A grande tristeza do leitor é não poder ler

11.1.14


A maior tristeza do leitor não é quando o livro acaba, todo livro lido por completo deve ser comemorado e apreciado. A grande tristeza do leitor é não poder ler. Tenho livros maravilhosos em casa mas não consigo ler e quem me acompanha no Facebook conhece de perto as agruras que passamos (eu e o Juliano) por causa da poluição sonora no bairro onde moramos. Já publiquei diversos textos meus e de outros autores no blog Livros e Afins sobre qualidade de vida e como a poluição sonora a afeta e prejudica diretamente a rotina das pessoas. Esses são os artigos publicados:

Esses são os meus dois companheiros inseparáveis para amenizar pelo menos um pouco a barulheira

Mas como fazemos para escapar da poluição sonora? Escrevo e telefono para todos os números e pessoas possíveis e impossíveis e não consigo solução para nada, tentei algumas das sugestões que eu mesma escrevi nesse post, mas foram inúteis. Cheguei a ouvir em um dos telefonemas que fiz para o serviço de protocolos da prefeitura que a poluição sonora não é considerada uma prioridade na cidade de Curitiba.

Fotografar para não enlouquecer

Eu passei a alimentar o hábito de fotografar em momentos extremos de poluição sonora no bairro para não enlouquecer. Ficamos muito expostos a níveis de ruídos desumanos, e as palavras que os amigos nos enviam em mensagens privadas no Facebook nos ajudam muito e nos confortam. Mas a maioria das coisas sugeridas eu já fiz e já tentei, não temos mais alternativas sobrando. Já colocamos cortinas mais grossas, forramos o teto com todo tipo de vedação, entramos em contato com todos os órgãos e pessoas possíveis, enfim, nada resolve esse problema, e pelo jeito está longe de ser resolvido.

Poluição sonora é sinônimo de nervosismo e pressão que inviabilizam a qualidade de vida

Eu uso fones de ouvido e também protetores auriculares o dia inteiro. Nós dormimos ouvindo música por causa da barulheira. E na maioria das vezes isso não resolve. O que é um protetor auricular e um fone de ouvido contra a potência de um carro ou caminhonete tunada? Nada! Aliás esse hábito do tráfego de veículos com som automotivo modificado para fazer muito barulho e alcançar volumes desnorteantes está cada vez mais disseminado nas ruas de vários bairros - inclusive no Centro da cidade.
E dormir com protetor auricular mais os fones de ouvido não é nada confortável, não proporciona um verdadeiro descanso. É apenas um paliativo, um improviso, uma tentativa de não enlouquecer completamente. Minha mente está esgotada.

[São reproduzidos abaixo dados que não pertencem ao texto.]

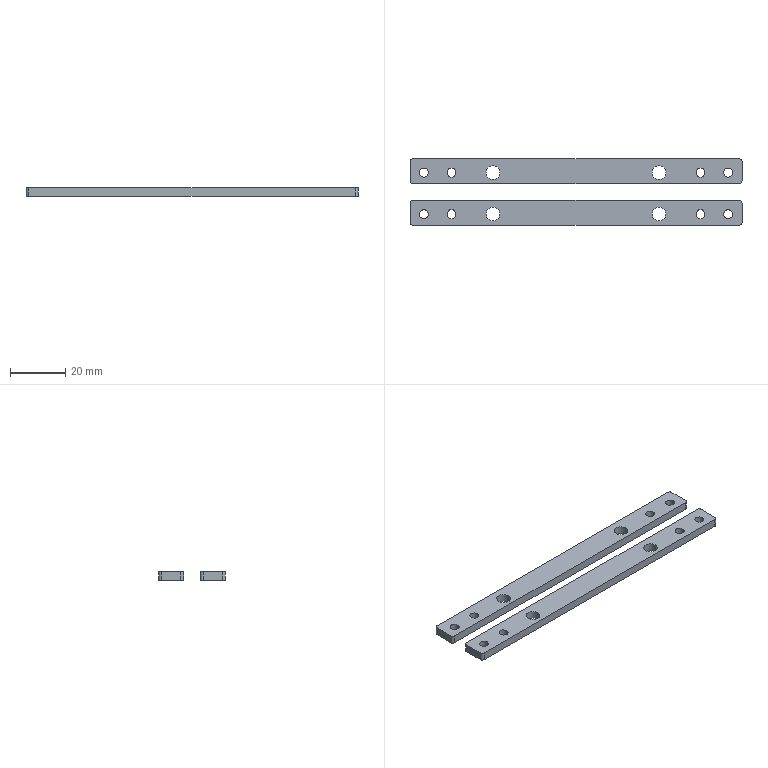CAM job | Mastercam | mm | 4 operations | part box 120 x 24 x 3
1. Contour (Ramp) | 3 - 3 平铣刀
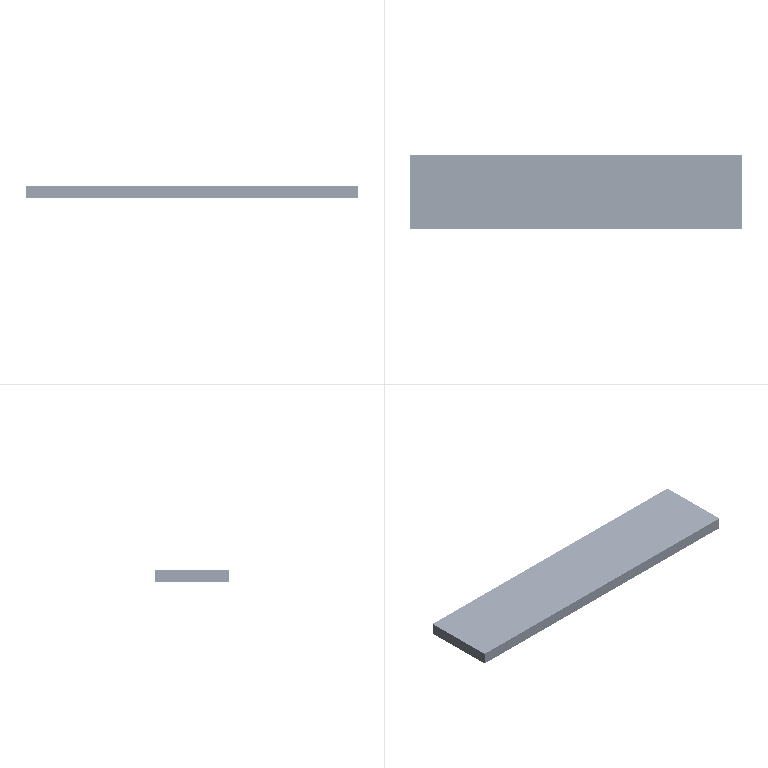2. Contour (2D) | 3 - 3 平铣刀
3. Contour (2D chamfer) | 7 - 4 倒角刀
4. Drill/Counterbore | 7 - 4 倒角刀
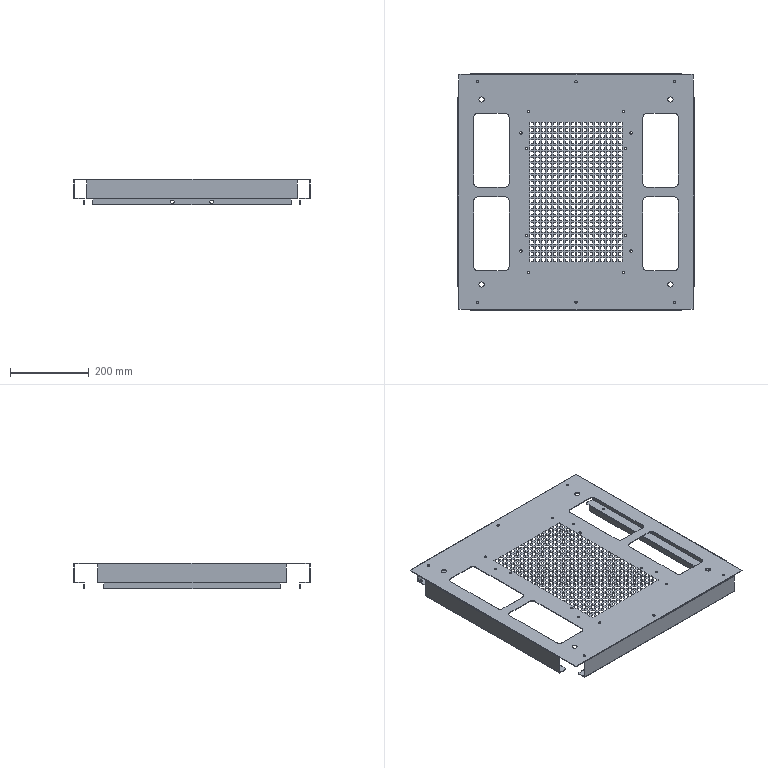Component | SolidWorks | TopBase-1 | 1 solid | 1754 faces | volume 639253 mm3 | plane 1654 | cylinder 100 | commonest cylinder face diameters 6.1 x36 6.5 x16 20 x16 3 x12 9.2 x8 13 x8 2 x4
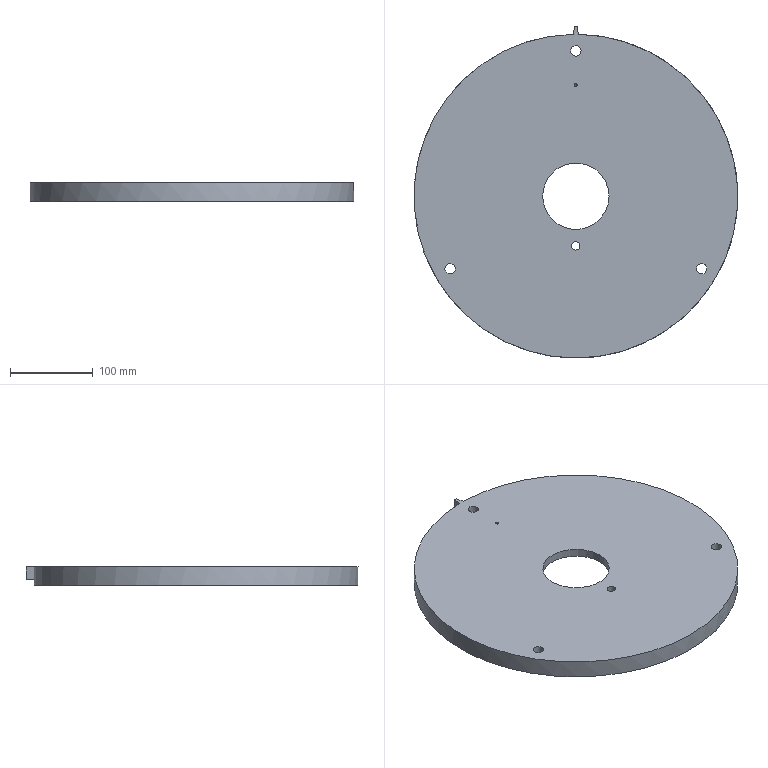Component | NX | DRIVINGFLANGE | 1 solid | 17 faces | volume 1994956 mm3 | cylinder 9 | plane 7 | torus 1 | commonest cylinder face diameters 12.5 x3 240 x1 390 x1 80 x1 10 x1 3 x1 410.011 x1
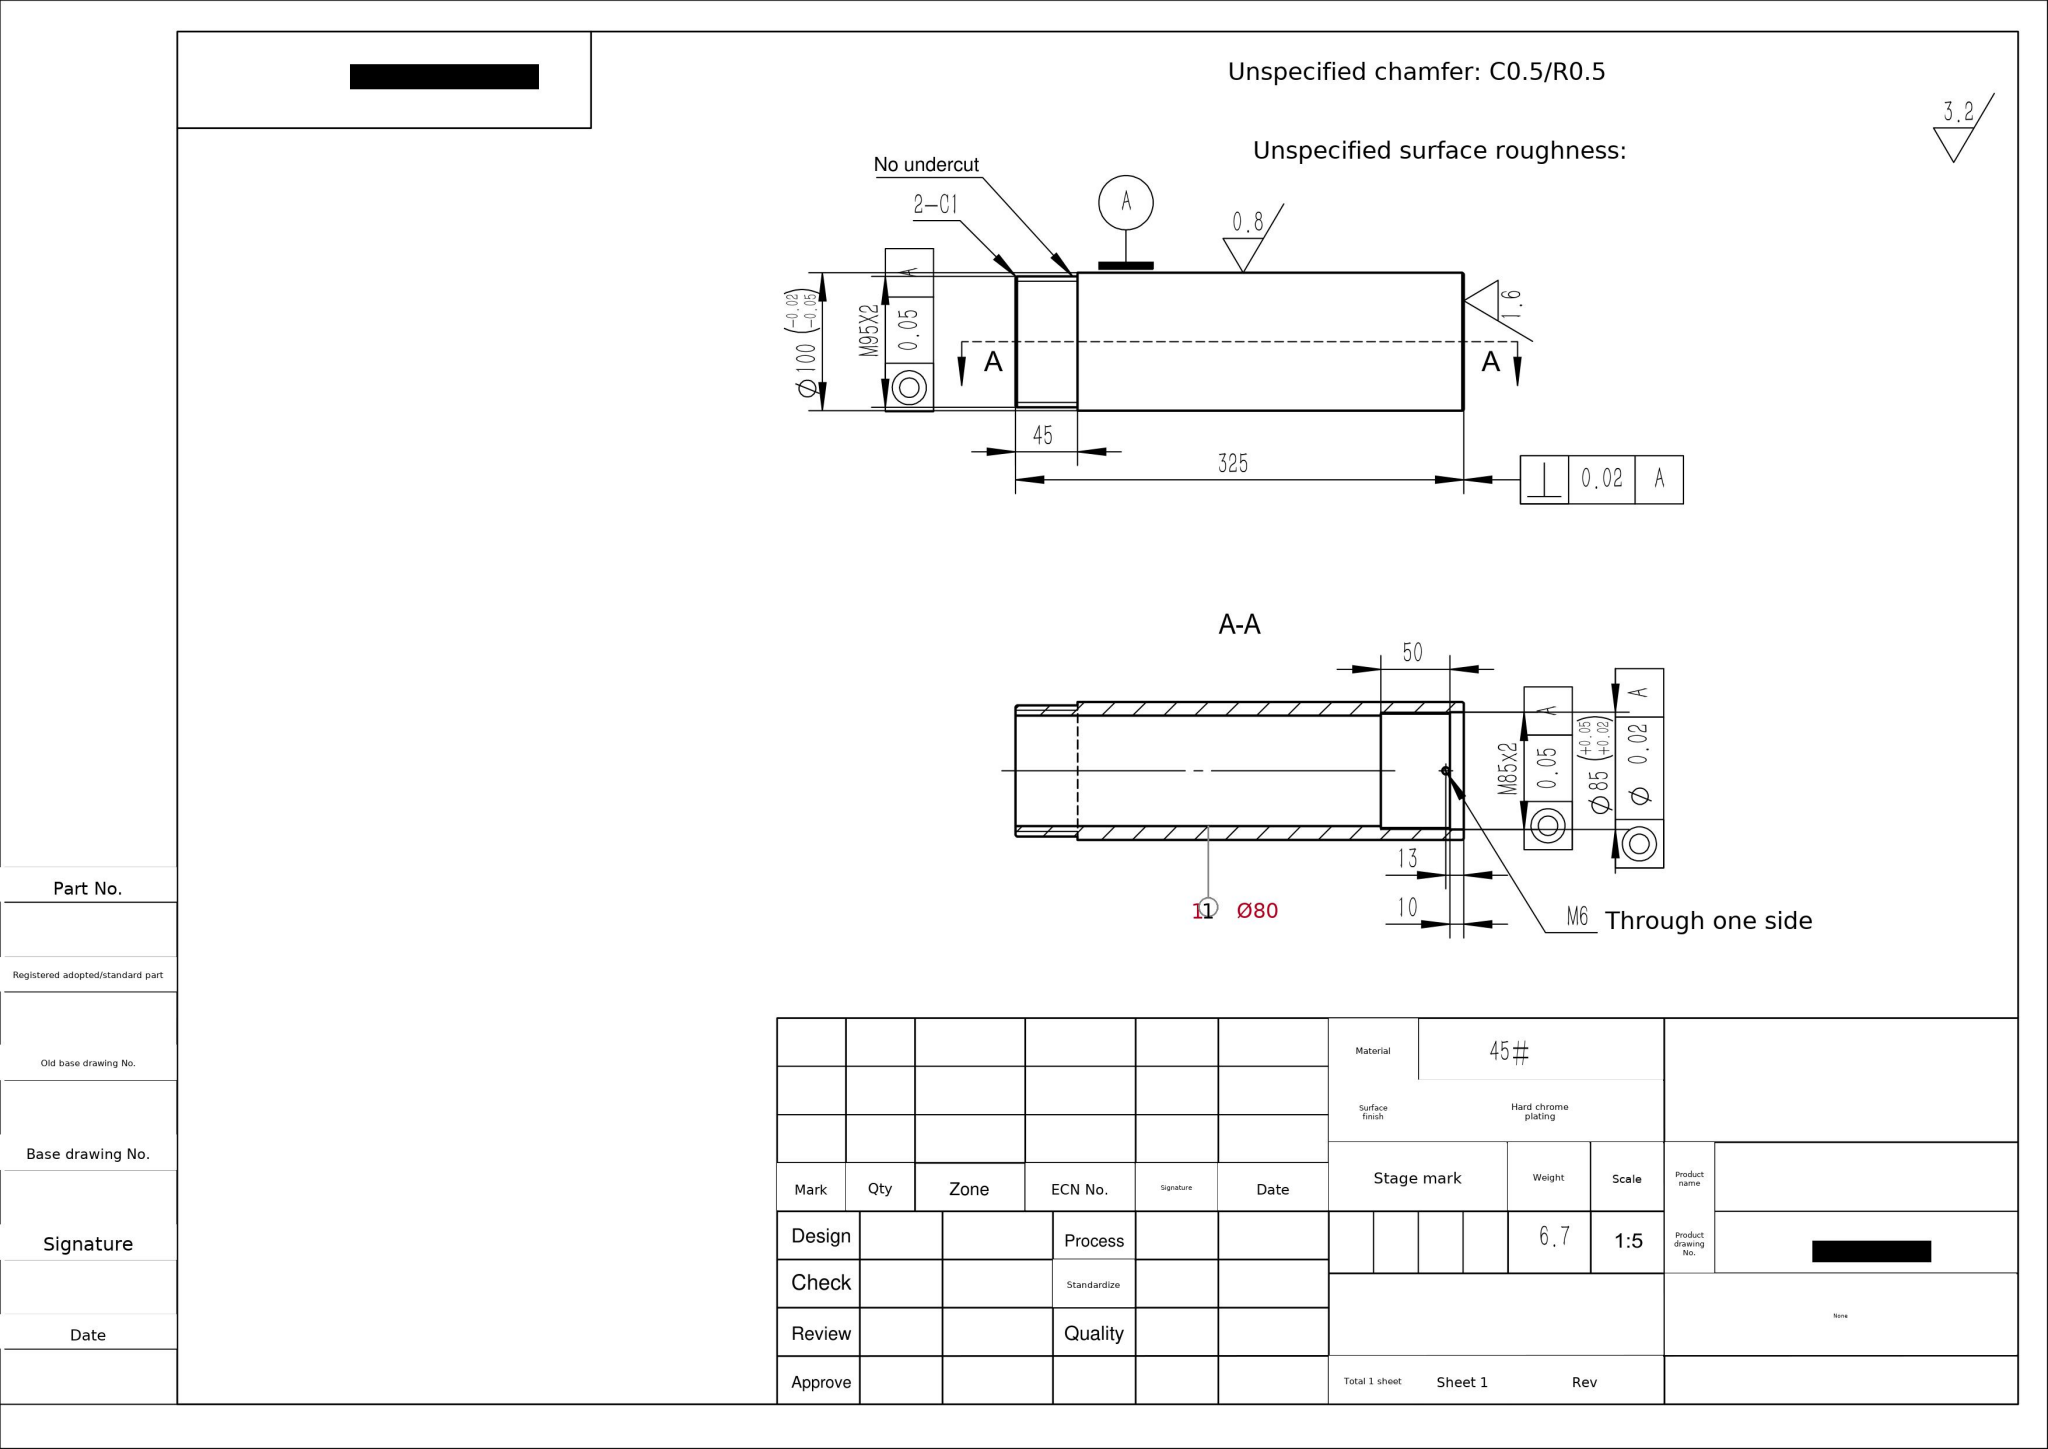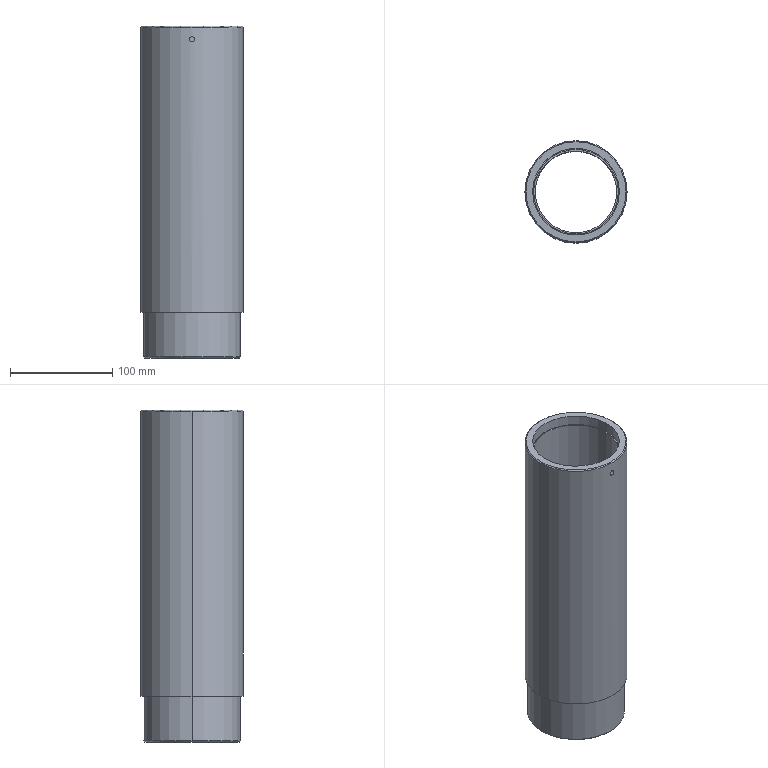Part | SolidWorks | mm | material 45# | 1 solid | 21 faces | box 100 x 100 x 325 mm | volume 858303 mm3 | cylinder 12 | plane 5 | cone 4 | commonest cylinder face diameters 5 x2 83 x2 85 x2 95 x2 100 x2 80 x2
build123d program:
from build123d import *

# Parameters (mm, degrees)
SKETCH1_R             = 50
SKETCH1_R_2           = 40
BOSS_EXTRUDE1_DEPTH   = 325
SKETCH2_R             = 61.681
SKETCH2_R_2           = 47.5
CUT_EXTRUDE1_DEPTH    = 45
CHAMFER1_SIZE         = 1
CHAMFER2_SIZE         = 1
SKETCH10_R            = 42.5
CUT_EXTRUDE9_DEPTH    = 10
SKETCH11_R            = 41.5
CUT_EXTRUDE10_DEPTH   = 50
M6_TAPPED_HOLE1_D     = 5
M6_TAPPED_HOLE1_DEPTH = 15
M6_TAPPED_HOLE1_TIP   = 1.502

A biblioteca da faculdade onde estudamos fica de frente para a Getúlio Vargas, uma das avenidas mais movimentadas de Curitiba, onde também circulam muitos carros com som automotivo tunado, e mesmo assim o silêncio é bem maior do que no bairro onde moramos.

Desde janeiro de 2011 só consigo ler e dormir com protetores auriculares. Eu nem consigo mais alcançar o nível de concentração necessário para a leitura se não estiver com o protetor auricular, mesmo em um ambiente silencioso como uma biblioteca. Na única e pouco atuante biblioteca pública existente no bairro, o barulho dos ônibus dentro do recinto não são nem um pouco convidativos, não é um ambiente agradável, o que mais se escuta são motores, freadas, e carros circulando com som automotivo. Não tem como se dedicar à leitura naquele ambiente barulhento se não tiver um fone de ouvido ou um protetor auricular.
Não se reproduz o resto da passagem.